Here is EventHandler's constructor:

EventHandler::EventHandler()
{
   EventDispatcher::getInstance().registerListener(this);
}

This calls EventDispatcher's registerListener() member function which stores this in a vector.

void EventDispatcher::registerListener(EventHandler* listener) 
{
   mListenerList.push_back(listener);
}

Where is mLisernerList looks like:

vector<EventHandler*> mListenerList;

The EventDispatcher simply calls the sendEvent() on each element of the vector to notify it of the event.

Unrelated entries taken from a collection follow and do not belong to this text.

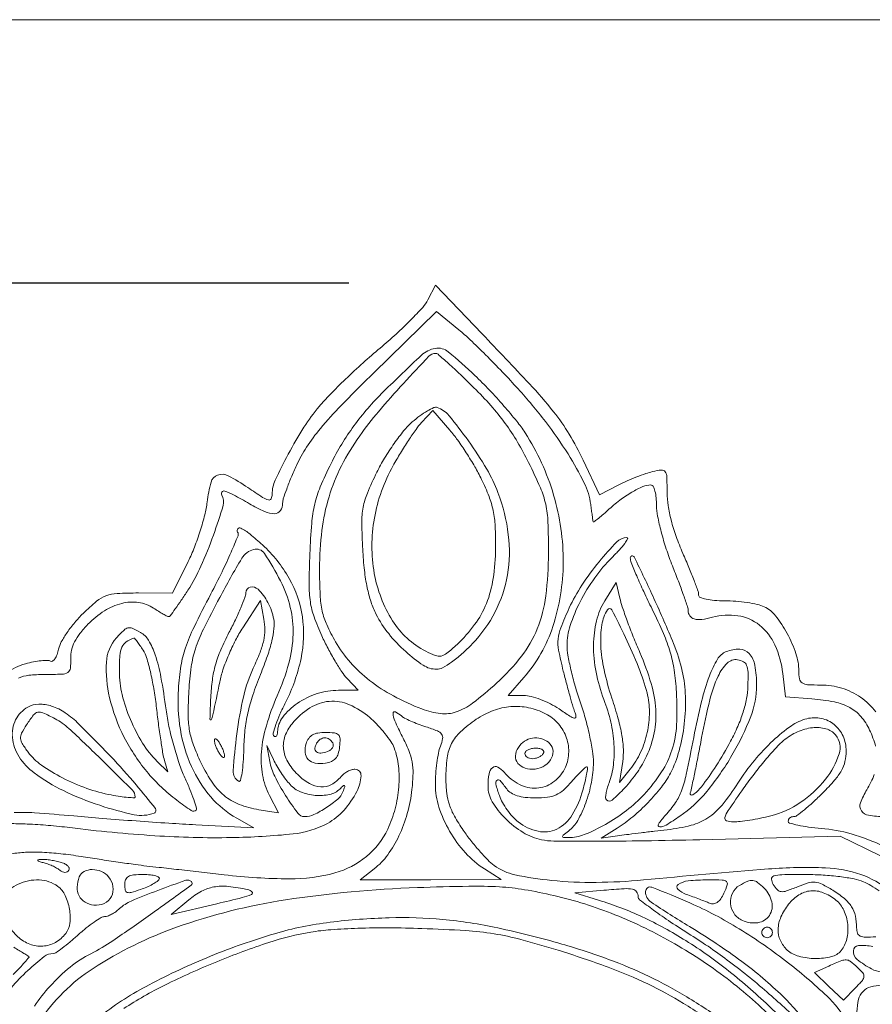
# Model space of a CAD drawing. Units: inches. Extents: x 2656 to 9931, y 1941 to 3068.
# Tile 40 of 46: x 2842.88 to 2854.27, y 2981.19 to 2994.35. Entities that reach past the tile are written whole.
import ezdxf

# ---------------------------------------------------------------- set-up
doc = ezdxf.new("R2010")
doc.units = ezdxf.units.IN
for name, color, linetype, lineweight in [('A-ANNO-DIMS', 2, 'Continuous', 18), ('A-ELEV-FNSH', 8, 'Continuous', 13), ('A-ELEV-ORN', 8, 'Continuous', 13)]:
    doc.layers.add(name, color=color, linetype=linetype, lineweight=lineweight)
doc.styles.get("Standard").update_dxf_attribs({"font": 'arial.ttf'})
doc.dimstyles.new('ISO-25', dxfattribs={"dimtxt": 6, "dimasz": 2.5, "dimexe": 1.25, "dimexo": 0.625, "dimtad": 1, "dimdec": 0, "dimlunit": 3, "dimtxsty": 'Standard', "dimcen": 2.5, "dimadec": 0, "dimazin": 0, "dimtfac": 1, "dimtdec": 0, "dimtmove": 0, "dimatfit": 3, "dimfxl": 1, "dimarcsym": 0})

# ---------------------------------------------------------------- blocks, each defined once
blk = doc.blocks.new('*D152')
at = {"layer": 'A-ANNO-DIMS', "color": 0, "lineweight": -2, "transparency": 16777216}
for p, q in [((2847.28, 2990.828), (2707.323, 2990.828)), ((2708.573, 2988.328), (2708.573, 2952.971)), ((2847.248, 2950.471), (2707.323, 2950.471))]:
    blk.add_line(p, q, dxfattribs=at)
at = {"layer": 'A-ANNO-DIMS', "color": 0, "transparency": 16777216}
for points in [[(2708.156, 2988.328), (2708.989, 2988.328), (2708.573, 2990.828)], [(2708.156, 2952.971), (2708.989, 2952.971), (2708.573, 2950.471)]]:
    blk.add_solid(points, dxfattribs=at)
at = {"layer": 'Defpoints', "color": 0, "transparency": 16777216}
for p in [(2847.905, 2990.828), (2708.573, 2950.471), (2847.873, 2950.471)]:
    blk.add_point(p, dxfattribs=at)
at = {"layer": 'A-ANNO-DIMS', "color": 0, "transparency": 16777216, "insert": (2704.843, 2970.649), "char_height": 6, "attachment_point": 5, "rotation": 90}
blk.add_mtext('3\'-4 1/2"', dxfattribs=at)
blk = doc.blocks.new('*D153')
at = {"layer": 'A-ANNO-DIMS', "color": 0, "lineweight": -2, "transparency": 16777216}
for p, q in [((2826.64, 2993.722), (2826.64, 2703.709)), ((2829.546, 2956.424), (2829.546, 2703.709)), ((2824.14, 2704.959), (2821.64, 2704.959)), ((2826.64, 2704.959), (2829.546, 2704.959)), ((2832.046, 2704.959), (2851.745, 2704.959))]:
    blk.add_line(p, q, dxfattribs=at)
at = {"layer": 'A-ANNO-DIMS', "color": 0, "transparency": 16777216}
for points in [[(2824.14, 2705.376), (2824.14, 2704.543), (2826.64, 2704.959)], [(2832.046, 2705.376), (2832.046, 2704.543), (2829.546, 2704.959)]]:
    blk.add_solid(points, dxfattribs=at)
at = {"layer": 'Defpoints', "color": 0, "transparency": 16777216}
for p in [(2826.64, 2994.347), (2829.546, 2957.049), (2829.546, 2704.959)]:
    blk.add_point(p, dxfattribs=at)
at = {"layer": 'A-ANNO-DIMS', "color": 0, "transparency": 16777216, "insert": (2843.145, 2708.65), "char_height": 6, "attachment_point": 5}
blk.add_mtext('0\'-3"', dxfattribs=at)
blk = doc.blocks.new('*D154')
at = {"layer": 'A-ANNO-DIMS', "color": 0, "lineweight": -2, "transparency": 16777216}
for p, q in [((2708.573, 2996.847), (2708.573, 2999.347)), ((2826.015, 2994.347), (2707.323, 2994.347)), ((2708.573, 2994.347), (2708.573, 2990.828)), ((2847.28, 2990.828), (2707.323, 2990.828)), ((2708.573, 2988.328), (2708.573, 2954.647))]:
    blk.add_line(p, q, dxfattribs=at)
at = {"layer": 'A-ANNO-DIMS', "color": 0, "transparency": 16777216}
for points in [[(2708.156, 2996.847), (2708.989, 2996.847), (2708.573, 2994.347)], [(2708.156, 2988.328), (2708.989, 2988.328), (2708.573, 2990.828)]]:
    blk.add_solid(points, dxfattribs=at)
at = {"layer": 'Defpoints', "color": 0, "transparency": 16777216}
for p in [(2826.64, 2994.347), (2708.573, 2990.828), (2847.905, 2990.828)]:
    blk.add_point(p, dxfattribs=at)
at = {"layer": 'A-ANNO-DIMS', "color": 0, "transparency": 16777216, "insert": (2704.843, 2970.237), "char_height": 6, "attachment_point": 5, "rotation": 90}
blk.add_mtext('0\'-3 1/2"', dxfattribs=at)

msp = doc.modelspace()

# ---------------------------------------------------------------- linework, layer by layer
at = {"layer": 'A-ELEV-FNSH'}
msp.add_lwpolyline([(2826.64, 2994.347), (2868.226, 2994.347), (2868.226, 2892.035), (2826.64, 2892.035)], close=True, dxfattribs=at)
at = {"layer": 'A-ELEV-ORN'}
for points in [[(2854.315, 2985.099, 0.078135), (2854.113, 2985.294, 0.079077), (2853.862, 2985.416, 0.074196), (2853.581, 2985.458, -0.014444), (2853.405, 2985.463, -0.128754), (2853.332, 2985.487, -0.206552), (2853.297, 2985.539, -0.046553), (2853.287, 2985.647, 0.081788), (2853.249, 2985.878, 0.042113), (2853.132, 2986.146, 0.041941), (2852.978, 2986.382, 0.120789), (2852.825, 2986.503, 0.050427), (2852.733, 2986.534, 0.018265), (2852.597, 2986.56, 0.017897), (2852.445, 2986.578, 0.020342), (2852.299, 2986.584, -0.018674), (2852.16, 2986.589, -0.035131), (2852.048, 2986.605, -0.042536), (2851.971, 2986.629, -0.305397), (2851.95, 2986.66, 0.085772), (2851.942, 2986.71, 0.004985), (2851.888, 2986.855, 0.007447), (2851.82, 2987.027, 0.005403), (2851.739, 2987.217, -0.017471), (2851.649, 2987.443, -0.022274), (2851.583, 2987.659, -0.024666), (2851.542, 2987.856, -0.039017), (2851.528, 2988.027, 0.008441), (2851.525, 2988.241, 0.142371), (2851.503, 2988.308, 0.273929), (2851.454, 2988.331, 0.034912), (2851.335, 2988.31, 0.024588), (2851.243, 2988.283, 0.010575), (2851.122, 2988.238, 0.010434), (2850.996, 2988.185, 0.013571), (2850.883, 2988.131), (2850.624, 2987.998), (2850.407, 2988.462, 0.026394), (2850.221, 2988.808, 0.032728), (2850.012, 2989.109, 0.019173), (2849.69, 2989.482, 0.003433), (2849.057, 2990.151), (2848.435, 2990.799), (2848.335, 2990.605, -0.064322), (2848.264, 2990.503, -0.01162), (2848.105, 2990.336, -0.012355), (2847.909, 2990.147, -0.010908), (2847.695, 2989.96, 0.00918), (2847.469, 2989.763, 0.007525), (2847.234, 2989.545, 0.007613), (2847.024, 2989.337, 0.019853), (2846.881, 2989.18, 0.032915), (2846.679, 2988.903, 0.018495), (2846.469, 2988.543, 0.015337), (2846.295, 2988.194, 0.10597), (2846.254, 2988.008, -0.116612), (2846.239, 2987.947, -0.354776), (2846.203, 2987.931, -0.077717), (2846.127, 2987.965, -0.005231), (2845.93, 2988.096, 0.027818), (2845.667, 2988.253, 0.209245), (2845.526, 2988.264, 0.245289), (2845.437, 2988.168, 0.037684), (2845.385, 2987.903, -0.03191), (2845.354, 2987.732, -0.0157), (2845.293, 2987.518, -0.01551), (2845.216, 2987.3, -0.021792), (2845.133, 2987.11), (2844.924, 2986.686), (2844.467, 2986.688, 0.013726), (2844.183, 2986.681, 0.075832), (2844.034, 2986.65, 0.085147), (2843.909, 2986.578, 0.019712), (2843.728, 2986.414, 0.025371), (2843.617, 2986.294, 0.023836), (2843.516, 2986.161, 0.024569), (2843.438, 2986.035, 0.071714), (2843.402, 2985.939, -0.032608), (2843.381, 2985.865, -0.059736), (2843.352, 2985.809, -0.094985), (2843.322, 2985.778, -0.298499), (2843.295, 2985.777, 0.144064), (2843.255, 2985.788, 0.021126), (2843.17, 2985.783, 0.022408), (2843.067, 2985.768, 0.017548), (2842.958, 2985.742, 0.091949), (2842.702, 2985.62, 0.038622)], [(2842.866, 2985.551, -0.083292), (2843.002, 2985.588, -0.025328), (2843.215, 2985.599, 0.00912), (2843.445, 2985.603, 0.128792), (2843.524, 2985.627, 0.230001), (2843.559, 2985.682, 0.036545), (2843.565, 2985.813, -0.063476), (2843.576, 2985.925, -0.05995), (2843.615, 2986.034, -0.049883), (2843.686, 2986.146, -0.026445), (2843.794, 2986.27, -0.057798), (2844.014, 2986.449, -0.082041), (2844.245, 2986.549, -0.095324), (2844.469, 2986.561, -0.11109), (2844.669, 2986.486, 0.007454), (2844.737, 2986.443, 0.010398), (2844.8, 2986.406, 0.007107), (2844.853, 2986.377, 0.120632), (2844.872, 2986.373, 0.235905), (2844.89, 2986.382, 0.003736), (2844.96, 2986.476, 0.008958), (2845.039, 2986.59, 0.005707), (2845.128, 2986.724, 0.036676), (2845.302, 2987.046, 0.020464), (2845.469, 2987.459, 0.013319), (2845.599, 2987.859, 0.213754), (2845.581, 2987.997, -0.305446), (2845.583, 2988.037, -0.321124), (2845.62, 2988.05, -0.047856), (2845.739, 2987.999, -0.008628), (2845.949, 2987.881, 0.025918), (2846.153, 2987.776, 0.110206), (2846.287, 2987.747, 0.24323), (2846.363, 2987.788, 0.152107), (2846.394, 2987.887, -0.078541), (2846.403, 2987.947, -0.008908), (2846.448, 2988.076, -0.010604), (2846.507, 2988.23, -0.008438), (2846.578, 2988.393, -0.040004), (2846.712, 2988.635, -0.027614), (2846.899, 2988.886, -0.019052), (2847.176, 2989.193, -0.006251), (2847.606, 2989.624), (2848.45, 2990.448), (2848.749, 2990.203, -0.01845), (2848.897, 2990.072, -0.006117), (2849.105, 2989.87, -0.006081), (2849.329, 2989.64, -0.006877), (2849.539, 2989.414, -0.019396), (2849.903, 2988.978, -0.023978), (2850.205, 2988.545, -0.025885), (2850.422, 2988.156, -0.081827), (2850.508, 2987.871, 0.000371), (2850.518, 2987.794, 0.000496), (2850.528, 2987.723, 0.000342), (2850.536, 2987.664, 0.00521), (2850.539, 2987.643, 0.548711), (2850.549, 2987.639, 0.013408), (2850.599, 2987.674, 0.016834), (2850.662, 2987.726, 0.009167), (2850.737, 2987.793, -0.025193), (2850.895, 2987.926, -0.02965), (2851.057, 2988.034, -0.031965), (2851.205, 2988.109, -0.101207), (2851.313, 2988.131, -0.284785), (2851.342, 2988.113, -0.049006), (2851.366, 2988.05, -0.040655), (2851.382, 2987.961, -0.025665), (2851.388, 2987.855, 0.049109), (2851.402, 2987.714, 0.015173), (2851.45, 2987.505, 0.015015), (2851.518, 2987.274, 0.015963), (2851.599, 2987.052, -0.004381), (2851.679, 2986.845, -0.006165), (2851.748, 2986.659, -0.003777), (2851.802, 2986.501, -0.081071), (2851.81, 2986.453, 0.155966), (2851.832, 2986.382, 0.172026), (2851.891, 2986.341, 0.10107), (2851.991, 2986.334, 0.034921), (2852.134, 2986.363, -0.105391), (2852.473, 2986.384, -0.132014), (2852.762, 2986.259, -0.119243), (2852.969, 2985.993, -0.076479), (2853.074, 2985.614), (2853.111, 2985.3), (2853.462, 2985.273, -0.029523), (2853.762, 2985.232, -0.074901), (2853.968, 2985.158, -0.093016), (2854.116, 2985.038, -0.065621), (2854.233, 2984.857, -0.044451), (2854.313, 2984.64, -0.078218)], [(2854.424, 2983.306, 0.034451), (2853.986, 2983.469, 0.051823), (2853.586, 2983.543, -0.012852), (2853.418, 2983.561, -0.020808), (2853.275, 2983.586, -0.016013), (2853.165, 2983.614, -0.33473), (2853.146, 2983.639, -0.118163), (2853.152, 2983.662, -0.100614), (2853.167, 2983.682, -0.092537), (2853.191, 2983.695, -0.082719), (2853.218, 2983.7, 0.160905), (2853.261, 2983.714, 0.011177), (2853.362, 2983.792, 0.014973), (2853.479, 2983.894, 0.010663), (2853.605, 2984.015, 0.016588), (2853.766, 2984.187, 0.052031), (2853.857, 2984.316, 0.071324), (2853.904, 2984.437, 0.056637), (2853.92, 2984.576, 0.103225), (2853.878, 2984.775, 0.118359), (2853.761, 2984.93, 0.1216), (2853.589, 2985.012, 0.112975), (2853.394, 2985.008, 0.091427), (2853.188, 2984.914, 0.035379), (2852.943, 2984.715, 0.032673), (2852.695, 2984.451, 0.029758), (2852.475, 2984.149, -0.028189), (2852.263, 2983.855, -0.076789), (2852.074, 2983.684, -0.082317), (2851.85, 2983.584, -0.035894), (2851.528, 2983.525, 0.001697), (2851.362, 2983.506, 0.001346), (2851.183, 2983.484, 0.00136), (2851.017, 2983.463, 0.003403), (2850.895, 2983.447), (2850.649, 2983.412), (2850.86, 2983.546, 0.032786), (2851.07, 2983.699, 0.026073), (2851.276, 2983.89, 0.026722), (2851.452, 2984.093, 0.046509), (2851.573, 2984.281, 0.053502), (2851.689, 2984.58, 0.036945), (2851.758, 2984.938, 0.036528), (2851.773, 2985.307, 0.047498), (2851.731, 2985.643, 0.042706), (2851.615, 2986.012, 0.009719), (2851.353, 2986.613, 0.007724), (2851.088, 2987.169, 0.786926), (2851.037, 2987.157, 0.098595), (2851.049, 2987.096, 0.005676), (2851.122, 2986.917, 0.008467), (2851.216, 2986.706, 0.00611), (2851.328, 2986.473, -0.012354), (2851.48, 2986.145, -0.031365), (2851.57, 2985.898, -0.035368), (2851.622, 2985.659, -0.019934), (2851.653, 2985.365, -0.029859), (2851.655, 2984.925, -0.062769), (2851.593, 2984.589, -0.068214), (2851.455, 2984.297, -0.041404), (2851.22, 2983.995, -0.043392), (2850.988, 2983.783, -0.033937), (2850.704, 2983.595, -0.034654), (2850.423, 2983.46, -0.09505), (2850.208, 2983.419, -0.016241), (2850.143, 2983.421, -0.40699), (2850.132, 2983.433, -0.217056), (2850.142, 2983.452, -0.007438), (2850.211, 2983.507, 0.104056), (2850.334, 2983.648, 0.040712), (2850.442, 2983.884, 0.0392), (2850.518, 2984.158, 0.04772), (2850.544, 2984.424, 0.039125), (2850.532, 2984.576, 0.014351), (2850.492, 2984.788, 0.014125), (2850.435, 2985.019, 0.016453), (2850.368, 2985.234, -0.01367), (2850.3, 2985.445, -0.013019), (2850.244, 2985.663, -0.01308), (2850.203, 2985.858, -0.044292), (2850.192, 2985.987, -0.079543), (2850.235, 2986.253, -0.038926), (2850.367, 2986.571, -0.037036), (2850.562, 2986.89, -0.041614), (2850.794, 2987.164, 0.012038), (2850.891, 2987.265, 0.024408), (2850.962, 2987.35, 0.032837), (2851.001, 2987.411, 0.572992), (2850.992, 2987.428, 0.203102), (2850.857, 2987.371, 0.020739), (2850.621, 2987.106, 0.026278), (2850.389, 2986.791, 0.038243), (2850.222, 2986.489, 0.01216), (2850.108, 2986.222, 0.071457), (2850.073, 2986.075, 0.072281), (2850.08, 2985.924, 0.012602), (2850.142, 2985.645, 0.003624), (2850.188, 2985.47, 0.004047), (2850.233, 2985.302, 0.003736), (2850.275, 2985.159, 0.021333), (2850.301, 2985.085, -0.093964), (2850.311, 2985.032, -0.486856), (2850.291, 2985.016, -0.082498), (2850.231, 2985.042, -0.006579), (2850.086, 2985.138, 0.031762), (2849.969, 2985.207, 0.026558), (2849.837, 2985.265, 0.027385), (2849.711, 2985.305, 0.063462), (2849.612, 2985.318), (2849.404, 2985.318), (2849.615, 2985.558, 0.101844), (2850.003, 2986.241, 0.077512), (2850.141, 2987.092, 0.072839), (2850.013, 2987.996, 0.072078), (2849.632, 2988.829, 0.026422), (2849.52, 2988.983, 0.010022), (2849.349, 2989.186, 0.009893), (2849.154, 2989.4, 0.01192), (2848.962, 2989.593, 0.018391), (2848.606, 2989.91, 0.219576), (2848.432, 2989.956, 0.145576), (2848.247, 2989.864, 0.006907), (2847.743, 2989.379, 0.01889), (2847.531, 2989.153, 0.021022), (2847.345, 2988.92, 0.021463), (2847.183, 2988.676, 0.021586), (2847.042, 2988.42, 0.014989), (2846.897, 2988.105, 0.041973), (2846.822, 2987.874, 0.03764), (2846.782, 2987.619, 0.010219), (2846.757, 2987.213, 0.008108), (2846.747, 2986.804, 0.038176), (2846.764, 2986.569, 0.050177), (2846.813, 2986.371, 0.020973), (2846.917, 2986.115, 0.013565), (2847, 2985.947, 0.012733), (2847.094, 2985.779, 0.012815), (2847.184, 2985.635, 0.042128), (2847.254, 2985.546), (2847.403, 2985.388), (2847.14, 2985.388, 0.07865), (2846.855, 2985.343, 0.071598), (2846.588, 2985.212, 0.079818), (2846.395, 2985.028, 0.158524), (2846.326, 2984.831, -0.047162), (2846.322, 2984.796, -0.134812), (2846.31, 2984.775, -0.251455), (2846.295, 2984.769, -0.15697), (2846.277, 2984.778, -0.271092), (2846.267, 2984.814, -0.01545), (2846.303, 2984.929, -0.020165), (2846.358, 2985.069, -0.01311), (2846.433, 2985.225, 0.065004), (2846.639, 2985.812, 0.088793), (2846.657, 2986.371, 0.092884), (2846.481, 2986.882, 0.078127), (2846.124, 2987.331, 0.016395), (2845.958, 2987.474, 0.049956), (2845.834, 2987.555, 0.368564), (2845.795, 2987.546, 0.306498), (2845.793, 2987.502, -0.23943), (2845.798, 2987.452, -0.005733), (2845.705, 2987.232, -0.011318), (2845.585, 2986.972, -0.007294), (2845.435, 2986.676, 0.007423), (2845.21, 2986.232, 0.031468), (2845.097, 2985.957, 0.042853), (2845.036, 2985.714, 0.022925), (2845.002, 2985.405, 0.056615), (2845.028, 2984.863, 0.065886), (2845.177, 2984.369, 0.071367), (2845.435, 2983.964, 0.08766), (2845.781, 2983.679), (2846.007, 2983.552), (2845.233, 2983.592, -0.003395), (2844.876, 2983.612, -0.00184), (2844.436, 2983.642, -0.001832), (2843.989, 2983.676, -0.002895), (2843.606, 2983.709, 0.005241), (2843.08, 2983.751, 0.032074), (2842.808, 2983.753, 0.046774)], [(2842.742, 2983.607, -0.010086), (2842.983, 2983.601, -0.010454), (2843.264, 2983.583, -0.009794), (2843.55, 2983.553, 0.014603), (2844.689, 2983.445, 0.020573), (2845.709, 2983.42, 0.021554), (2846.535, 2983.469, 0.098726), (2846.992, 2983.61, 0.086544), (2847.211, 2983.783, 0.064842), (2847.385, 2984.037, 0.105005), (2847.441, 2984.247, 0.429394), (2847.36, 2984.333, 0.076994), (2847.314, 2984.326, 0.044443), (2847.262, 2984.304, 0.043169), (2847.213, 2984.273, 0.055175), (2847.174, 2984.235, -0.094539), (2847.045, 2984.129, -0.137453), (2846.903, 2984.096, -0.121204), (2846.751, 2984.141, -0.064485), (2846.595, 2984.261, -0.062539), (2846.462, 2984.433, -0.106068), (2846.405, 2984.604, -0.115654), (2846.425, 2984.774, -0.084243), (2846.519, 2984.939, -0.078947), (2846.757, 2985.152, -0.123459), (2847.016, 2985.24, -0.122999), (2847.287, 2985.195, -0.078015), (2847.559, 2985.023, -0.023138), (2847.662, 2984.924, -0.02043), (2847.759, 2984.812, -0.020932), (2847.839, 2984.703, -0.056713), (2847.883, 2984.619, -0.065298), (2847.941, 2984.376, -0.046), (2847.945, 2984.096, -0.044024), (2847.896, 2983.805, -0.046139), (2847.797, 2983.533, -0.111372), (2847.513, 2983.167, -0.104185), (2847.092, 2982.948, -0.070935), (2846.484, 2982.868, -0.025816), (2845.614, 2982.922, 0.000041), (2845.311, 2982.957, 0.000041), (2845.008, 2982.992, 0.00004), (2844.743, 2983.022, 0.000159), (2844.58, 2983.04, -0.005888), (2844.426, 2983.06, -0.001908), (2844.198, 2983.092, -0.001902), (2843.945, 2983.13, -0.002136), (2843.701, 2983.168, 0.013188), (2843.43, 2983.204, 0.017307), (2843.181, 2983.223, 0.019272), (2842.96, 2983.223, 0.031038), (2842.772, 2983.203, -0.002177)], [(2854.502, 2982.71, 0.090302), (2854.115, 2982.926, 0.071489), (2853.644, 2983.015, 0.030983), (2852.881, 2983.001, 0.003778), (2851.212, 2982.854, -0.021814), (2850.58, 2982.821, -0.026279), (2849.987, 2982.847, -0.027515), (2849.496, 2982.923, -0.109001), (2849.219, 2983.048, -0.039008), (2849.134, 2983.122, -0.013678), (2849.023, 2983.242, -0.013486), (2848.908, 2983.38, -0.015368), (2848.806, 2983.519, -0.021273), (2848.689, 2983.706, -0.047989), (2848.621, 2983.858, -0.052132), (2848.586, 2984.013, -0.029551), (2848.574, 2984.205, -0.032073), (2848.592, 2984.486, -0.085895), (2848.651, 2984.678, -0.089345), (2848.77, 2984.834, -0.036649), (2848.979, 2985, -0.05968), (2849.206, 2985.117, -0.069858), (2849.442, 2985.17, -0.071671), (2849.679, 2985.155, -0.067725), (2849.906, 2985.074, -0.096375), (2850.077, 2984.939, -0.095623), (2850.185, 2984.75, -0.097447), (2850.213, 2984.537, -0.104526), (2850.158, 2984.335, -0.120644), (2850, 2984.154, -0.141327), (2849.786, 2984.08, -0.132721), (2849.555, 2984.13, -0.100833), (2849.352, 2984.293, 0.099524), (2849.267, 2984.362, 0.306948), (2849.198, 2984.354, 0.175194), (2849.15, 2984.27, 0.041792), (2849.137, 2984.109, 0.134004), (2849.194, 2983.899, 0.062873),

Let me give an example to demonstrate my issue. Lets say my class Buttons inherits from EventHandler. I will create button objects on the heap and then place smart pointers to all my buttons in a single vector.

vector<unique_ptr<Buttons>> mButtons;   
mButtons.push_back(unique_ptr<Buttons>(new Button()));

What happens is I end up with a vector of unique_ptrs in mButtons and a vector of raw pointers in mListenerList pointing to the same dynamically allocated Button objects. I do not want smart and raw pointers pointing to the same object.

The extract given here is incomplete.